Mais ainda, a prática de exercício ao longo da vida está associada a uma diminuição dos marcadores inflamatórios, melhoria da sensibilidade à insulina e diminuição dos triglicerídeos, independentemente da idade.

Um dos muitos estudos realizados neste âmbito aponta que os atletas de elite vivem entre 4 a 8 anos mais, face à população geral. Por outro lado, muito pouco se sabe sobre os atletas envolvidos nos desportos onde a componente mental domina.

Mente vs. músculo: qual nos dá maior longevidade de vida?


Muito recentemente foi desenvolvido um estudo com o objetivo perceber quem ganha, ao nível da maior longevidade de vida: grandes jogadores de xadrez, atletas olímpicos ou a população geral? De forma simples, para alcançar uma maior esperança de vida em que é que devemos apostar: mente vs. músculo?

Os resultados desde estudo mostraram que os jogadores de xadrez de elite vivem mais anos que a população em geral e têm uma esperança média de vida semelhante à dos atletas de elite que praticam desportos físicos.

Os investigadores referem que estes achados podem dever-se a vários factos, nomeadamente:

  • Jogar xadrez pode reduzir o risco de demência, bem como alterar fisicamente a estrutura do cérebro, o que aumenta a longevidade;
  • Atletas que jogam xadrez, para estarem ao mais ao mais alto nível, tendem a praticar exercício físico e a adotar uma alimentação saudável.

Estes dados são surpreendentes e reforçam a importância de nos mantermos cognitivamente ativos e saudáveis ao longo da vida. Assim sendo, jogar xadrez ou outras atividades cognitivamente estimulantes permitem-nos jogar no jogo da vida durante mais tempo e de forma mais saudável.

Assim sendo, mente vs. músculo, quem ganha? O melhor parece ser mesmo apostar em ambos! Mantenha-se física e cognitivamente ativo!
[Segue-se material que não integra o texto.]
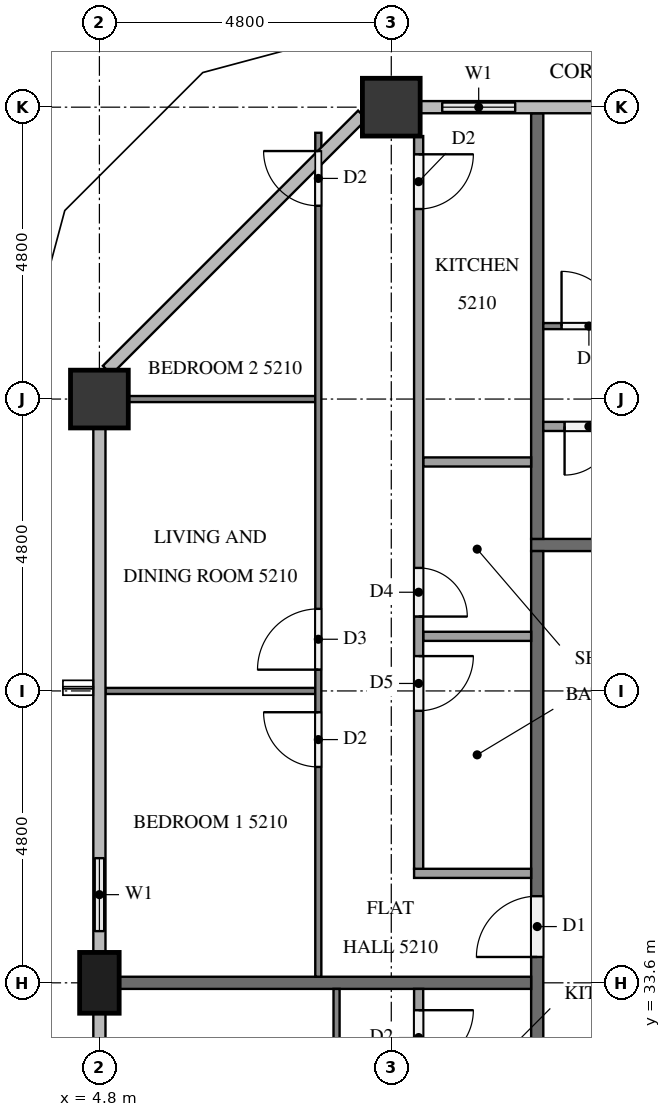
"""IFC4 building model, lengths in metres.
Left out: names, types, materials, properties, quantities, classifications, styles, units other than length and angle.
Written with IfcOpenShell. Run it as: python <this file> out.ifc"""

import sys

from ifc_helpers import new_model, si_unit, direction, frame, frame_2d, origin, origin_2d, place, context, subcontext, project, spatial, rectangle, extrude, element, fill, save


model = new_model("IFC4")
c1 = context("Model", 3, precision=1e-05, world=origin(), true_north=direction((0.0, 1.0)))
c2 = subcontext(c1, "Body", "Model", "MODEL_VIEW")
j1 = project(units=[si_unit("LENGTHUNIT", "METRE"), si_unit("PLANEANGLEUNIT", "RADIAN")], contexts=[c1])
p1 = place(None, origin())
s1 = spatial("IfcSite", under=j1, at=p1, CompositionType="ELEMENT")
p2 = place(p1, origin())
s2 = spatial("IfcBuilding", under=s1, at=p2, CompositionType="ELEMENT")
p3 = place(p2, frame((0.0, 0.0, 199.9)))
s3 = spatial("IfcBuildingStorey", under=s2, at=p3, CompositionType="ELEMENT", Elevation=199.9)
for number, where, z_axis, x_axis in (
    (1, (9.6, 48.0, 0.0), (0.0, 0.0, 1.0), (1.0, 0.0, 0.0)),
    (2, (4.8, 43.2, 0.0), (0.0, 0.0, 1.0), (1.0, 0.0, 0.0)),
):
    element("IfcColumn", number, at=place(p3, frame(where, z_axis=z_axis, x_axis=x_axis)), inside=s3, PredefinedType="COLUMN", context=c2, shape_type="SweptSolid", body=[
        extrude(rectangle(XDim=0.95, YDim=0.95, at=origin_2d()), origin(), (0.0, 0.0, 1.0), 3.1),
    ])
p4 = place(p3, frame((4.8, 33.6, 0.0), z_axis=(0.0, 0.0, 1.0), x_axis=(0.0, 1.0, 0.0)))
e3 = element("IfcColumn", 3, at=p4, inside=s3, PredefinedType="COLUMN", context=c2, shape_type="SweptSolid", body=[
    extrude(rectangle(XDim=1.0, YDim=0.65, at=origin_2d()), origin(), (0.0, 0.0, 1.0), 3.1),
])
p5 = place(p3, frame((12.0, 48.0, 0.0), z_axis=(0.0, 0.0, 1.0), x_axis=(-1.0, 0.0, 0.0)))
e4 = element("IfcWall", 4, at=p5, inside=s3, PredefinedType="SOLIDWALL", context=c2, shape_type="SweptSolid", body=[
    extrude(rectangle(XDim=1.925, YDim=0.15, at=frame_2d((0.962, 0.0))), origin(), (0.0, 0.0, 1.0), 3.1),
])
p6 = place(p5, frame((0.363, 0.0, 0.9)))
e5 = element("IfcOpeningElement", 5, at=p6, cuts=e4, PredefinedType="OPENING", context=c2, shape_type="SweptSolid", body=[
    extrude(rectangle(XDim=1.2, YDim=1.4, at=frame_2d((0.6, 0.7))), frame((0.0, 0.085, 0.0), z_axis=(0.0, -1.0, 0.0), x_axis=(1.0, 0.0, 0.0)), (0.0, 0.0, 1.0), 0.17),
])
p7 = place(p3, frame((4.8, 36.0, 0.0), z_axis=(0.0, 0.0, 1.0), x_axis=(0.0, -1.0, 0.0)))
e6 = element("IfcWall", 6, at=p7, inside=s3, PredefinedType="SOLIDWALL", context=c2, shape_type="SweptSolid", body=[
    extrude(rectangle(XDim=1.9, YDim=0.15, at=frame_2d((0.95, 0.0))), origin(), (0.0, 0.0, 1.0), 3.1),
])
p8 = place(p7, frame((0.35, 0.0, 0.9)))
e7 = element("IfcOpeningElement", 7, at=p8, cuts=e6, PredefinedType="OPENING", context=c2, shape_type="SweptSolid", body=[
    extrude(rectangle(XDim=1.2, YDim=1.4, at=frame_2d((0.6, 0.7))), frame((0.0, 0.085, 0.0), z_axis=(0.0, -1.0, 0.0), x_axis=(1.0, 0.0, 0.0)), (0.0, 0.0, 1.0), 0.17),
])
p9 = place(p3, frame((11.9, 40.8, 0.0), z_axis=(0.0, 0.0, 1.0), x_axis=(1.0, 0.0, 0.0)))
e8 = element("IfcWall", 8, at=p9, inside=s3, PredefinedType="PARTITIONING", context=c2, shape_type="SweptSolid", body=[
    extrude(rectangle(XDim=38.6, YDim=0.2, at=frame_2d((19.3, 0.0))), origin(), (0.0, 0.0, 1.0), 3.1),
])
p10 = place(p9, frame((37.025, 0.0, 0.0)))
e9 = element("IfcOpeningElement", 9, at=p10, cuts=e8, PredefinedType="OPENING", context=c2, shape_type="SweptSolid", body=[
    extrude(rectangle(XDim=1.1, YDim=2.1, at=frame_2d((0.55, 1.05))), frame((0.0, 0.11, 0.0), z_axis=(0.0, -1.0, 0.0), x_axis=(1.0, 0.0, 0.0)), (0.0, 0.0, 1.0), 0.22),
])
p11 = place(p9, frame((17.825, 0.0, 0.0)))
e10 = element("IfcOpeningElement", 10, at=p11, cuts=e8, PredefinedType="OPENING", context=c2, shape_type="SweptSolid", body=[
    extrude(rectangle(XDim=1.1, YDim=2.1, at=frame_2d((0.55, 1.05))), frame((0.0, 0.11, 0.0), z_axis=(0.0, -1.0, 0.0), x_axis=(1.0, 0.0, 0.0)), (0.0, 0.0, 1.0), 0.22),
])
p12 = place(p3, frame((12.0, 12.1, 0.0), z_axis=(0.0, 0.0, 1.0), x_axis=(0.0, 1.0, 0.0)))
e11 = element("IfcWall", 11, at=p12, inside=s3, PredefinedType="PARTITIONING", context=c2, shape_type="SweptSolid", body=[
    extrude(rectangle(XDim=28.6, YDim=0.2, at=frame_2d((14.3, 0.0))), origin(), (0.0, 0.0, 1.0), 3.1),
])
p13 = place(p12, frame((21.925, 0.0, 0.0)))
e12 = element("IfcOpeningElement", 12, at=p13, cuts=e11, PredefinedType="OPENING", context=c2, shape_type="SweptSolid", body=[
    extrude(rectangle(XDim=1.0, YDim=2.1, at=frame_2d((0.5, 1.05))), frame((0.0, 0.11, 0.0), z_axis=(0.0, -1.0, 0.0), x_axis=(1.0, 0.0, 0.0)), (0.0, 0.0, 1.0), 0.22),
])
p14 = place(p12, frame((14.725, 0.0, 0.0)))
e13 = element("IfcOpeningElement", 13, at=p14, cuts=e11, PredefinedType="OPENING", context=c2, shape_type="SweptSolid", body=[
    extrude(rectangle(XDim=1.0, YDim=2.1, at=frame_2d((0.5, 1.05))), frame((0.0, 0.11, 0.0), z_axis=(0.0, -1.0, 0.0), x_axis=(1.0, 0.0, 0.0)), (0.0, 0.0, 1.0), 0.22),
])
p15 = place(p12, frame((12.875, 0.0, 0.0)))
e14 = element("IfcOpeningElement", 14, at=p15, cuts=e11, PredefinedType="OPENING", context=c2, shape_type="SweptSolid", body=[
    extrude(rectangle(XDim=1.0, YDim=2.1, at=frame_2d((0.5, 1.05))), frame((0.0, 0.11, 0.0), z_axis=(0.0, -1.0, 0.0), x_axis=(1.0, 0.0, 0.0)), (0.0, 0.0, 1.0), 0.22),
])
p16 = place(p3, frame((12.0, 47.9, 0.0), z_axis=(0.0, 0.0, 1.0), x_axis=(0.0, -1.0, 0.0)))
e15 = element("IfcWall", 15, at=p16, inside=s3, PredefinedType="PARTITIONING", context=c2, shape_type="SweptSolid", body=[
    extrude(rectangle(XDim=7.0, YDim=0.2, at=frame_2d((3.5, 0.0))), origin(), (0.0, 0.0, 1.0), 3.1),
])
p17 = place(p3, frame((5.125, 33.6, 0.0), z_axis=(0.0, 0.0, 1.0), x_axis=(1.0, 0.0, 0.0)))
e16 = element("IfcWall", 16, at=p17, inside=s3, PredefinedType="PARTITIONING", context=c2, shape_type="SweptSolid", body=[
    extrude(rectangle(XDim=6.775, YDim=0.2, at=frame_2d((3.387, 0.0))), origin(), (0.0, 0.0, 1.0), 3.1),
])
p18 = place(p3, frame((12.1, 44.4, 0.0), z_axis=(0.0, 0.0, 1.0), x_axis=(1.0, 0.0, 0.0)))
e17 = element("IfcWall", 17, at=p18, inside=s3, PredefinedType="PARTITIONING", context=c2, shape_type="SweptSolid", body=[
    extrude(rectangle(XDim=19.0, YDim=0.1, at=frame_2d((9.5, 0.0))), origin(), (0.0, 0.0, 1.0), 3.1),
])
p19 = place(p18, frame((17.7, 0.0, 0.0)))
e18 = element("IfcOpeningElement", 18, at=p19, cuts=e17, PredefinedType="OPENING", context=c2, shape_type="SweptSolid", body=[
    extrude(rectangle(XDim=1.0, YDim=2.1, at=frame_2d((0.5, 1.05))), frame((0.0, 0.06, 0.0), z_axis=(0.0, -1.0, 0.0), x_axis=(1.0, 0.0, 0.0)), (0.0, 0.0, 1.0), 0.12),
])
p20 = place(p18, frame((9.85, 0.0, 0.0)))
e19 = element("IfcOpeningElement", 19, at=p20, cuts=e17, PredefinedType="OPENING", context=c2, shape_type="SweptSolid", body=[
    extrude(rectangle(XDim=0.9, YDim=2.1, at=frame_2d((0.45, 1.05))), frame((0.0, 0.06, 0.0), z_axis=(0.0, -1.0, 0.0), x_axis=(1.0, 0.0, 0.0)), (0.0, 0.0, 1.0), 0.12),
])
p21 = place(p18, frame((8.25, 0.0, 0.0)))
e20 = element("IfcOpeningElement", 20, at=p21, cuts=e17, PredefinedType="OPENING", context=c2, shape_type="SweptSolid", body=[
    extrude(rectangle(XDim=0.9, YDim=2.1, at=frame_2d((0.45, 1.05))), frame((0.0, 0.06, 0.0), z_axis=(0.0, -1.0, 0.0), x_axis=(1.0, 0.0, 0.0)), (0.0, 0.0, 1.0), 0.12),
])
p22 = place(p18, frame((0.3, 0.0, 0.0)))
e21 = element("IfcOpeningElement", 21, at=p22, cuts=e17, PredefinedType="OPENING", context=c2, shape_type="SweptSolid", body=[
    extrude(rectangle(XDim=0.9, YDim=2.1, at=frame_2d((0.45, 1.05))), frame((0.0, 0.06, 0.0), z_axis=(0.0, -1.0, 0.0), x_axis=(1.0, 0.0, 0.0)), (0.0, 0.0, 1.0), 0.12),
])
p23 = place(p3, frame((29.325, 42.75, 0.0), z_axis=(0.0, 0.0, 1.0), x_axis=(-1.0, 0.0, 0.0)))
e22 = element("IfcWall", 22, at=p23, inside=s3, PredefinedType="PARTITIONING", context=c2, shape_type="SweptSolid", body=[
    extrude(rectangle(XDim=17.225, YDim=0.15, at=frame_2d((8.612, 0.0))), origin(), (0.0, 0.0, 1.0), 3.1),
])
p24 = place(p23, frame((0.3, 0.0, 0.0)))
e23 = element("IfcOpeningElement", 23, at=p24, cuts=e22, PredefinedType="OPENING", context=c2, shape_type="SweptSolid", body=[
    extrude(rectangle(XDim=0.9, YDim=2.1, at=frame_2d((0.45, 1.05))), frame((0.0, 0.085, 0.0), z_axis=(0.0, -1.0, 0.0), x_axis=(1.0, 0.0, 0.0)), (0.0, 0.0, 1.0), 0.17),
])
p25 = place(p23, frame((9.541, 0.0, 0.0)))
e24 = element("IfcOpeningElement", 24, at=p25, cuts=e22, PredefinedType="OPENING", context=c2, shape_type="SweptSolid", body=[
    extrude(rectangle(XDim=0.9, YDim=2.1, at=frame_2d((0.45, 1.05))), frame((0.0, 0.085, 0.0), z_axis=(0.0, -1.0, 0.0), x_axis=(1.0, 0.0, 0.0)), (0.0, 0.0, 1.0), 0.17),
])
p26 = place(p23, frame((11.091, 0.0, 0.0)))
e25 = element("IfcOpeningElement", 25, at=p26, cuts=e22, PredefinedType="OPENING", context=c2, shape_type="SweptSolid", body=[
    extrude(rectangle(XDim=0.8, YDim=2.1, at=frame_2d((0.4, 1.05))), frame((0.0, 0.085, 0.0), z_axis=(0.0, -1.0, 0.0), x_axis=(1.0, 0.0, 0.0)), (0.0, 0.0, 1.0), 0.17),
])
p27 = place(p23, frame((16.075, 0.0, 0.0)))
e26 = element("IfcOpeningElement", 26, at=p27, cuts=e22, PredefinedType="OPENING", context=c2, shape_type="SweptSolid", body=[
    extrude(rectangle(XDim=0.8, YDim=2.1, at=frame_2d((0.4, 1.05))), frame((0.0, 0.085, 0.0), z_axis=(0.0, -1.0, 0.0), x_axis=(1.0, 0.0, 0.0)), (0.0, 0.0, 1.0), 0.17),
])
p28 = place(p3, frame((8.35, 38.4, 0.0), z_axis=(0.0, 0.0, 1.0), x_axis=(-1.0, 0.0, 0.0)))
e27 = element("IfcWall", 27, at=p28, inside=s3, PredefinedType="PARTITIONING", context=c2, shape_type="SweptSolid", body=[
    extrude(rectangle(XDim=3.45, YDim=0.1, at=frame_2d((1.725, 0.0))), origin(), (0.0, 0.0, 1.0), 3.1),
])
p29 = place(p3, frame((8.35, 43.2, 0.0), z_axis=(0.0, 0.0, 1.0), x_axis=(-1.0, 0.0, 0.0)))
e28 = element("IfcWall", 28, at=p29, inside=s3, PredefinedType="PARTITIONING", context=c2, shape_type="SweptSolid", body=[
    extrude(rectangle(XDim=3.075, YDim=0.1, at=frame_2d((1.538, 0.0))), origin(), (0.0, 0.0, 1.0), 3.1),
])
p30 = place(p3, frame((8.4, 33.7, 0.0), z_axis=(0.0, 0.0, 1.0), x_axis=(0.0, 1.0, 0.0)))
e29 = element("IfcWall", 29, at=p30, inside=s3, PredefinedType="PARTITIONING", context=c2, shape_type="SweptSolid", body=[
    extrude(rectangle(XDim=13.879, YDim=0.1, at=frame_2d((6.939, 0.0))), origin(), (0.0, 0.0, 1.0), 3.1),
])
p31 = place(p30, frame((3.45, 0.0, 0.0)))
e30 = element("IfcOpeningElement", 30, at=p31, cuts=e29, PredefinedType="OPENING", context=c2, shape_type="SweptSolid", body=[
    extrude(rectangle(XDim=0.9, YDim=2.1, at=frame_2d((0.45, 1.05))), frame((0.0, 0.06, 0.0), z_axis=(0.0, -1.0, 0.0), x_axis=(1.0, 0.0, 0.0)), (0.0, 0.0, 1.0), 0.12),
])
p32 = place(p30, frame((5.05, 0.0, 0.0)))
e31 = element("IfcOpeningElement", 31, at=p32, cuts=e29, PredefinedType="OPENING", context=c2, shape_type="SweptSolid", body=[
    extrude(rectangle(XDim=1.0, YDim=2.1, at=frame_2d((0.5, 1.05))), frame((0.0, 0.06, 0.0), z_axis=(0.0, -1.0, 0.0), x_axis=(1.0, 0.0, 0.0)), (0.0, 0.0, 1.0), 0.12),
])
p33 = place(p30, frame((12.678, 0.0, 0.0)))
e32 = element("IfcOpeningElement", 32, at=p33, cuts=e29, PredefinedType="OPENING", context=c2, shape_type="SweptSolid", body=[
    extrude(rectangle(XDim=0.9, YDim=2.1, at=frame_2d((0.45, 1.05))), frame((0.0, 0.06, 0.0), z_axis=(0.0, -1.0, 0.0), x_axis=(1.0, 0.0, 0.0)), (0.0, 0.0, 1.0), 0.12),
])
for number, where, z_axis, x_axis in (
    (33, (11.9, 39.298, 0.0), (0.0, 0.0, 1.0), (-1.0, 0.0, 0.0)),
    (34, (11.9, 42.165, 0.0), (0.0, 0.0, 1.0), (-1.0, 0.0, 0.0)),
):
    element("IfcWall", number, at=place(p3, frame(where, z_axis=z_axis, x_axis=x_axis)), inside=s3, PredefinedType="PARTITIONING", context=c2, shape_type="SweptSolid", body=[
        extrude(rectangle(XDim=1.775, YDim=0.15, at=frame_2d((0.887, 0.0))), origin(), (0.0, 0.0, 1.0), 3.1),
    ])
p34 = place(p3, frame((11.9, 35.4, 0.0), z_axis=(0.0, 0.0, 1.0), x_axis=(-1.0, 0.0, 0.0)))
e35 = element("IfcWall", 35, at=p34, inside=s3, PredefinedType="PARTITIONING", context=c2, shape_type="SweptSolid", body=[
    extrude(rectangle(XDim=1.925, YDim=0.15, at=frame_2d((0.962, 0.0))), origin(), (0.0, 0.0, 1.0), 3.1),
])
p35 = place(p3, frame((10.05, 47.525, 0.0), z_axis=(0.0, 0.0, 1.0), x_axis=(0.0, -1.0, 0.0)))
e36 = element("IfcWall", 36, at=p35, inside=s3, PredefinedType="PARTITIONING", context=c2, shape_type="SweptSolid", body=[
    extrude(rectangle(XDim=12.05, YDim=0.15, at=frame_2d((6.025, 0.0))), origin(), (0.0, 0.0, 1.0), 3.1),
])
p36 = place(p35, frame((8.552, 0.0, 0.0)))
e37 = element("IfcOpeningElement", 37, at=p36, cuts=e36, PredefinedType="OPENING", context=c2, shape_type="SweptSolid", body=[
    extrude(rectangle(XDim=0.9, YDim=2.1, at=frame_2d((0.45, 1.05))), frame((0.0, 0.085, 0.0), z_axis=(0.0, -1.0, 0.0), x_axis=(1.0, 0.0, 0.0)), (0.0, 0.0, 1.0), 0.17),
])
p37 = place(p35, frame((7.102, 0.0, 0.0)))
e38 = element("IfcOpeningElement", 38, at=p37, cuts=e36, PredefinedType="OPENING", context=c2, shape_type="SweptSolid", body=[
    extrude(rectangle(XDim=0.8, YDim=2.1, at=frame_2d((0.4, 1.05))), frame((0.0, 0.085, 0.0), z_axis=(0.0, -1.0, 0.0), x_axis=(1.0, 0.0, 0.0)), (0.0, 0.0, 1.0), 0.17),
])
p38 = place(p35, frame((0.3, 0.0, 0.0)))
e39 = element("IfcOpeningElement", 39, at=p38, cuts=e36, PredefinedType="OPENING", context=c2, shape_type="SweptSolid", body=[
    extrude(rectangle(XDim=0.9, YDim=2.1, at=frame_2d((0.45, 1.05))), frame((0.0, 0.085, 0.0), z_axis=(0.0, -1.0, 0.0), x_axis=(1.0, 0.0, 0.0)), (0.0, 0.0, 1.0), 0.17),
])
p39 = place(p3, frame((8.7, 26.5, 0.0), z_axis=(0.0, 0.0, 1.0), x_axis=(0.0, 1.0, 0.0)))
e40 = element("IfcWall", 40, at=p39, inside=s3, PredefinedType="PARTITIONING", context=c2, shape_type="SweptSolid", body=[
    extrude(rectangle(XDim=7.0, YDim=0.1, at=frame_2d((3.5, 0.0))), origin(), (0.0, 0.0, 1.0), 3.1),
])
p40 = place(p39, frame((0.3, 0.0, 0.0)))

10 Benefícios da prática de xadrez


menino a jogar xadrez

Este importante estudo debruçou-se sobre o xadrez, na medida em que este jogo se tornou um excelente campo de testes para investigações na área da cognição. A ideia de que a prática de xadrez favorece o desenvolvimento de áreas específicas do cérebro tem despertado o interesse de especialistas desde há muito tempo e inúmeras vantagens têm sido encontradas:

1 – Estimula a capacidade de antecipação;

2 – Estimula o raciocínio lógico e abstrato;

3 – Estimula as capacidades cognitivas de uma forma lúdica e prazerosa;

4 – Desenvolve a capacidade de atenção e concentração;

5 – Ensina a saber esperar e a ser paciente;

6 – Estimula a imaginação: cada movimento no jogo abre uma infinidade de opções;

7 – Treina a capacidade de tomada de decisões: permite aprender com os erros, criar novas e melhores soluções e potencia a capacidade de análise de consequências;

8 – Estimula a capacidade de reconhecer padrões;

9 – Potencia a capacidade de memória;

10 . Ensina a saber ganhar e perder.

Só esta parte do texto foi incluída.